Why are my estimates changing every time I run my do-files?!

I describe the main suspects one should look for when wondering of lack of replicability on a dofile

Fernando Rios-Avila


March 31, 2023

I have read this problem quite a few times in Statalist as well as other forums to like Stackoverflow. You try to do the right thing. Write and document a do-file, to produce your results the same way every time, but, for some reason they key changing. The question is always Why?

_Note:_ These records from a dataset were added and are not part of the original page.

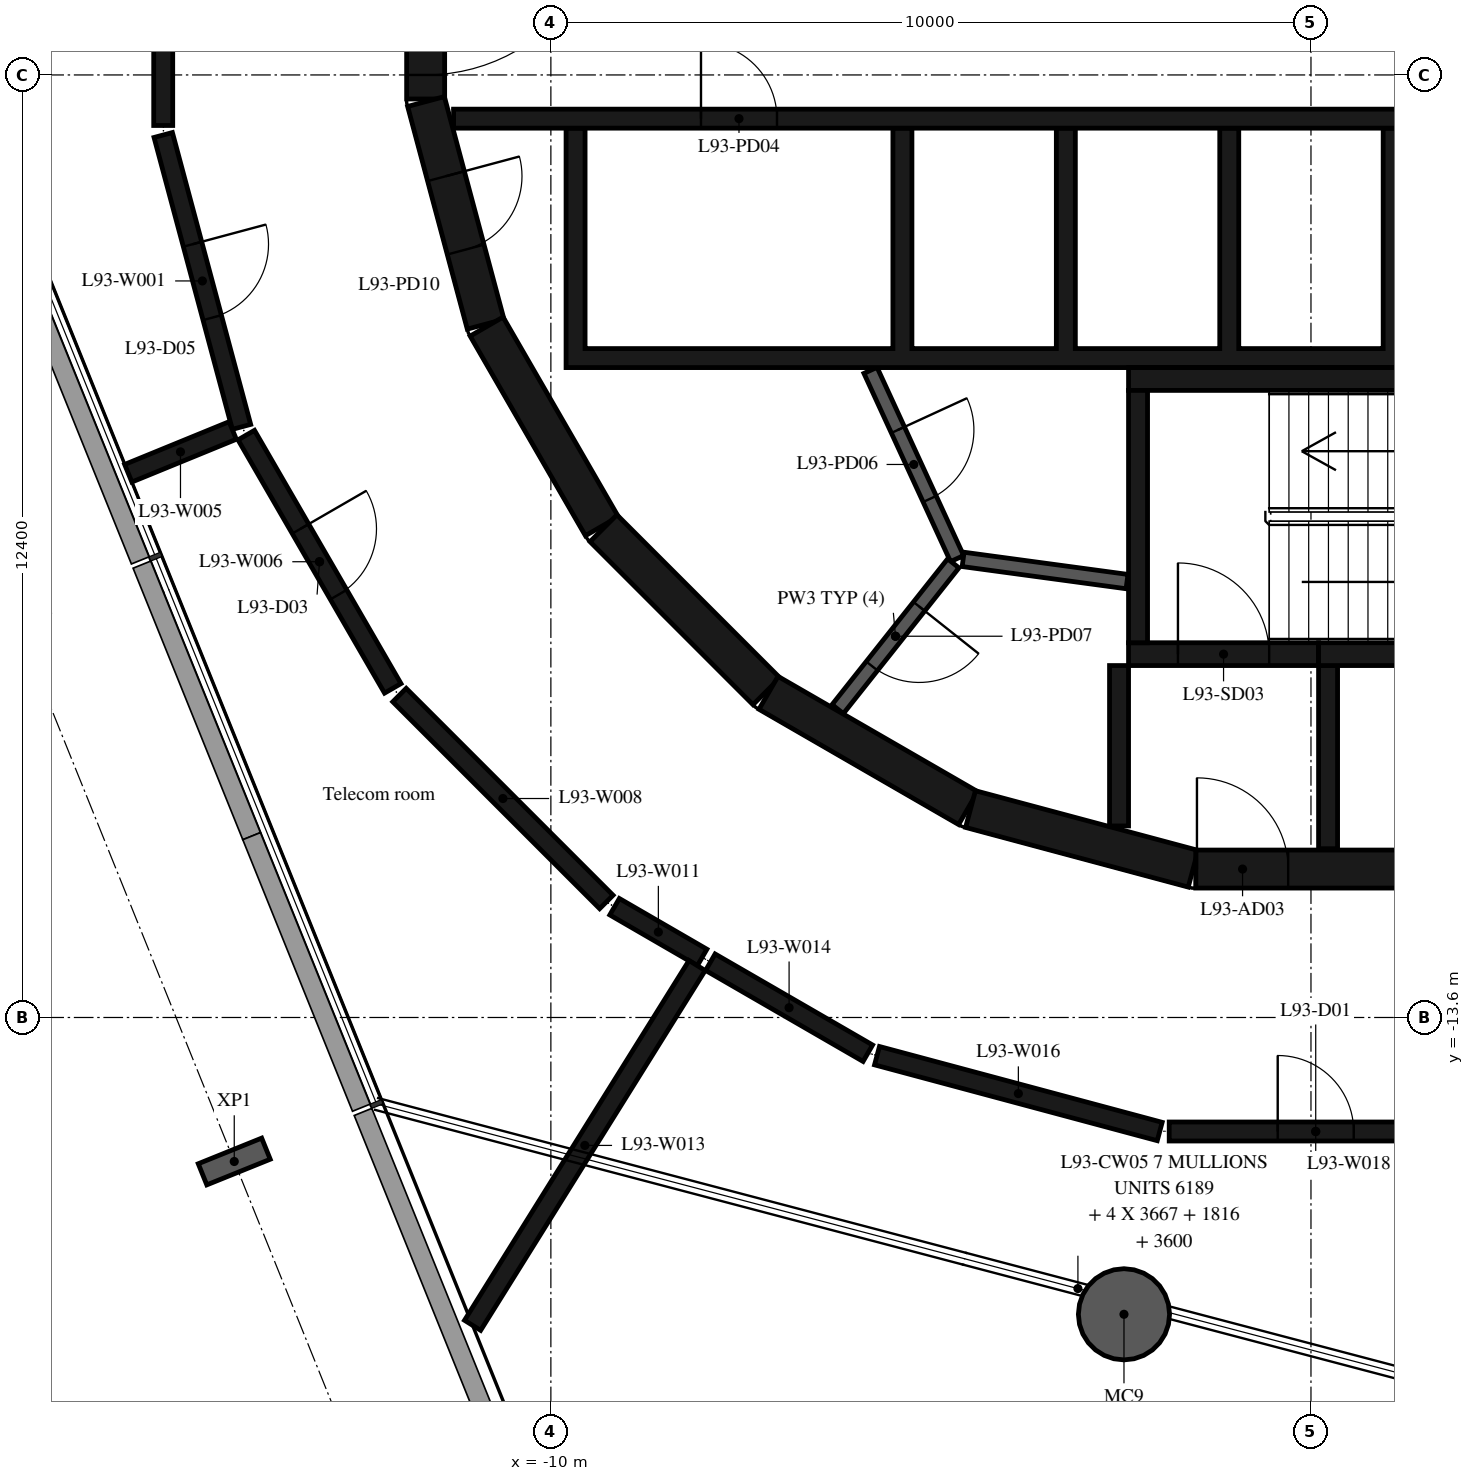
"""IFC4 building model, lengths in metres.
Left out: names, types, materials, properties, quantities, classifications, styles, units other than length and angle.
Written with IfcOpenShell. Run it as: python <this file> out.ifc"""

import sys

from ifc_helpers import new_model, si_unit, direction, frame, frame_2d, origin, origin_2d, place, context, subcontext, project, spatial, polyline, rectangle, hollow_circle, i_section, outline, extrude, element, fill, save


model = new_model("IFC4")
c1 = context("Model", 3, precision=1e-05, world=origin(), true_north=direction((0.0, 1.0)))
c2 = subcontext(c1, "Body", "Model", "MODEL_VIEW")
j1 = project(units=[si_unit("LENGTHUNIT", "METRE"), si_unit("PLANEANGLEUNIT", "RADIAN")], contexts=[c1])
p1 = place(None, origin())
s1 = spatial("IfcSite", under=j1, at=p1, CompositionType="ELEMENT")
p2 = place(p1, origin())
s2 = spatial("IfcBuilding", under=s1, at=p2, CompositionType="ELEMENT")
p3 = place(p2, frame((0.0, 0.0, 361.0)))
s3 = spatial("IfcBuildingStorey", under=s2, at=p3, CompositionType="ELEMENT", Elevation=361.0)
p4 = place(p3, frame((-2.46, -17.505, -0.38), z_axis=(0.0, 0.0, 1.0), x_axis=(1.0, 0.0, 0.0)))
e1 = element("IfcColumn", 1, at=p4, inside=s3, PredefinedType="COLUMN", context=c2, shape_type="SweptSolid", body=[
    extrude(hollow_circle(Radius=0.6, WallThickness=0.03, at=origin_2d()), origin(), (0.0, 0.0, 1.0), 5.2),
])
p5 = place(p3, frame((-14.166, -15.495, -0.38), z_axis=(0.0, 0.0, 1.0), x_axis=(-0.374606892434, 0.927183733755, 0.0)))
e2 = element("IfcColumn", 2, at=p5, inside=s3, PredefinedType="COLUMN", context=c2, shape_type="SweptSolid", body=[
    extrude(i_section(OverallWidth=0.3, OverallDepth=0.9, WebThickness=0.019, FlangeThickness=0.035, FilletRadius=0.03, at=origin_2d()), origin(), (0.0, 0.0, 1.0), 5.2),
])
p6 = place(p3, frame((-11.647, 1.516, 0.0), z_axis=(0.0, 0.0, 1.0), x_axis=(0.0, -1.0, 0.0)))
e3 = element("IfcWall", 3, at=p6, inside=s3, PredefinedType="SHEAR", context=c2, shape_type="SweptSolid", body=[
    extrude(rectangle(XDim=3.033, YDim=0.5, at=frame_2d((1.516, 0.0))), origin(), (0.0, 0.0, 1.0), 4.82),
])
p7 = place(p6, frame((0.316, 0.0, 0.0)))
e4 = element("IfcOpeningElement", 4, at=p7, cuts=e3, PredefinedType="OPENING", context=c2, shape_type="SweptSolid", body=[
    extrude(rectangle(XDim=2.4, YDim=2.1, at=frame_2d((1.2, 1.05))), frame((0.0, 0.26, 0.0), z_axis=(0.0, -1.0, 0.0), x_axis=(1.0, 0.0, 0.0)), (0.0, 0.0, 1.0), 0.52),
])
p8 = place(p3, frame((-11.643, -1.55, 0.0), z_axis=(0.0, 0.0, 1.0), x_axis=(0.258734743916, -0.965948410781, 0.0)))
e5 = element("IfcWall", 5, at=p8, inside=s3, PredefinedType="SHEAR", context=c2, shape_type="SweptSolid", body=[
    extrude(rectangle(XDim=3.033, YDim=0.5, at=frame_2d((1.516, 0.0))), origin(), (0.0, 0.0, 1.0), 4.82),
])
p9 = place(p8, frame((1.016, 0.0, 0.0)))
e6 = element("IfcOpeningElement", 6, at=p9, cuts=e5, PredefinedType="OPENING", context=c2, shape_type="SweptSolid", body=[
    extrude(rectangle(XDim=1.0, YDim=2.4, at=frame_2d((0.5, 1.2))), frame((0.0, 0.26, 0.0), z_axis=(0.0, -1.0, 0.0), x_axis=(1.0, 0.0, 0.0)), (0.0, 0.0, 1.0), 0.52),
])
p10 = place(p3, frame((-10.845, -4.51, 0.0), z_axis=(0.0, 0.0, 1.0), x_axis=(0.500087131594, -0.865975092491, 0.0)))
e7 = element("IfcWall", 7, at=p10, inside=s3, PredefinedType="SHEAR", context=c2, shape_type="SweptSolid", body=[
    extrude(rectangle(XDim=3.033, YDim=0.5, at=frame_2d((1.516, 0.0))), origin(), (0.0, 0.0, 1.0), 4.82),
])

Of course, there could be a large number of reasons you this is happening, but I will narrow them to the most common causes:

  1. randomness The first one is the most obvious. You may be trying to introduce in your program a procedure that relies on some random process. Bootstrap standard errors or creating of simulated data are the most common couses for this. Solution: set seed.
  2. sort The second most common problem is because you have some statement in your dofile that relies on sorting data with ties. When this happens, the default solution in Stata is to randomly assign an order to observations with the same value, which may affect procedures that are order dependent (matching). This is not a problem when you are sorting fully identified data. But if ties exists, it may kick in. Solution: set sortseed. Although one should be careful in analyzing if this is the true cause of replicability, or rather the next option
  3. merging Most merging procedures in Stata are well defined, and won’t cause any problem: 1:m, m:1 and 1:1 will not create much of a problem. However, there is the infamous m:m. As many other people may have said this before…you NEVER-EVER do merge m:m. If you think you need to do it, think of jointby, because merge m:m is always wrong. In fact, this may trigger a problem that may “seem” caused and solved as mentionted before, so be mindful.
  4. Multicolinearity Something that occurs less often are problems related to multicolinearity. When two variables are collinear, and you are trying to estimate a linear or linear like model, Stata will try to fix the problem by dropping some observations before the estimation occurs. Most of the time, the excluded variable is the first one, but more often than not, the excluded variable would be at random. Solution: Revise your model specification.

If you have other reasons you have found to cause problems replicating your results, let me know, and we can add them to the list.